Of interest in the following discussion is how an NTP client determines the system performance using a source population including reference clocks and remote servers. This is determined for each source from two statistics, peer jitter and peer distance. Peer jitter is determined from various jitter components as described above. It represents the nominal error in determining the clock offset. Peer distance represents the maximum error of the estimate due to all causes.
The peer distance statistic is computed as one-half the root delay to the primary source of time; i.e., the primary reference clock, plus the root dispersion. The root variables are included in the NTP packet header received from each source. When calculating peer delay , the root delay is the sum of the root delay in the packet and the peer delay, while the root dispersion is the sum of the root dispersion in the packet and the peer dispersion.
A source is considered selectable only if its peer distance is less than the select threshold, by default 1.5 s, but can be changed according to client preference using the maxdist option of the tos command. When an upstream server loses all sources, its peer distance apparent to dependent clients continues to increase. The clients are not aware of this condition and continue to accept synchronization as long as the peer distance is less than the select threshold.
The -peer distance statistic is also used by the select, cluster and mitigation algorithms. In this respect, it is called the root synchronization distance shortened to root distance. The root distance is used in the following ways.

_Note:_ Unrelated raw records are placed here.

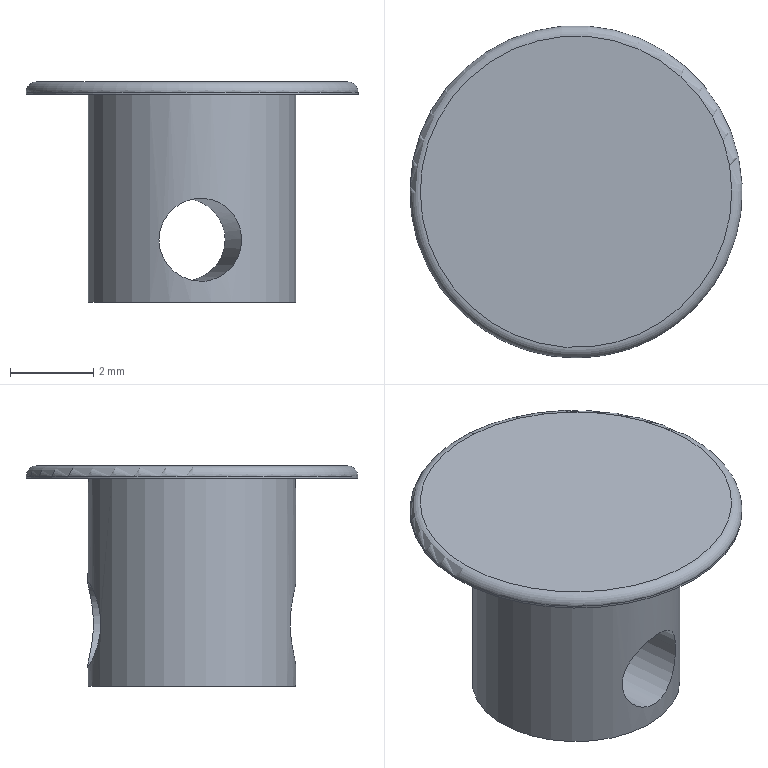Component | NX | CONNECTING_PIN | 1 solid | 7 faces | volume 98 mm3 | cylinder 3 | plane 3 | torus 1 | commonest cylinder face diameters 5 x1 8 x1 2 x1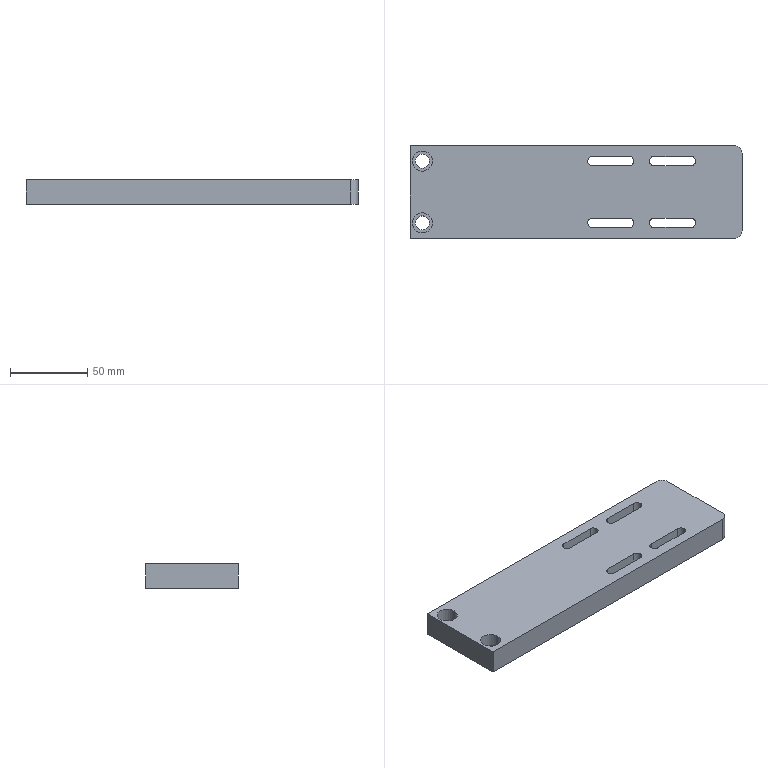CAM job | Mastercam | mm | 2 operations | part box 215 x 60 x 16
1. Facing | 24 - 100 平铣刀
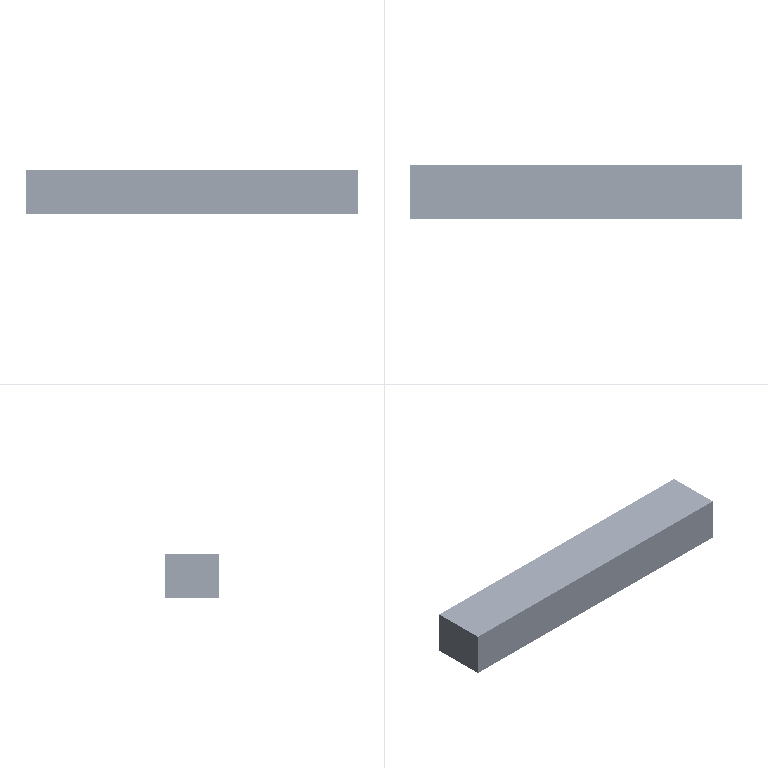2. Contour (2D chamfer) | 7 - 4 倒角刀

The root distance functions as a metric in the selection and weighting of the various available sources. The strategy using the metric is to minimize the root distance, or equivalently to minimize the maximum error in cases of multiple sources. As used in the NTP design, this is described as a minimax strategy.
The algorithms described on the Mitigation Rules and the prefer Keyword page deliver several important statistics, including system offset and system jitter. These statistics are determined by the clock combine algorithm. System offset is best interpreted as the maximum-likelihood estimate of the system clock offset, while system jitter is best interpreted as the expected error of this estimate.
Maximum system error is determined from delay and dispersion contributions and represents the worst-case error due to all causes. In order to simplify discussion, certain minor contributions to the maximum error statistic are ignored. If the precision time kernel support is available, both the estimated error and maximum error are reported to user programs via the ntp_adjtime() kernel system call. See the Kernel Model for Precision Timekeeping page for further information.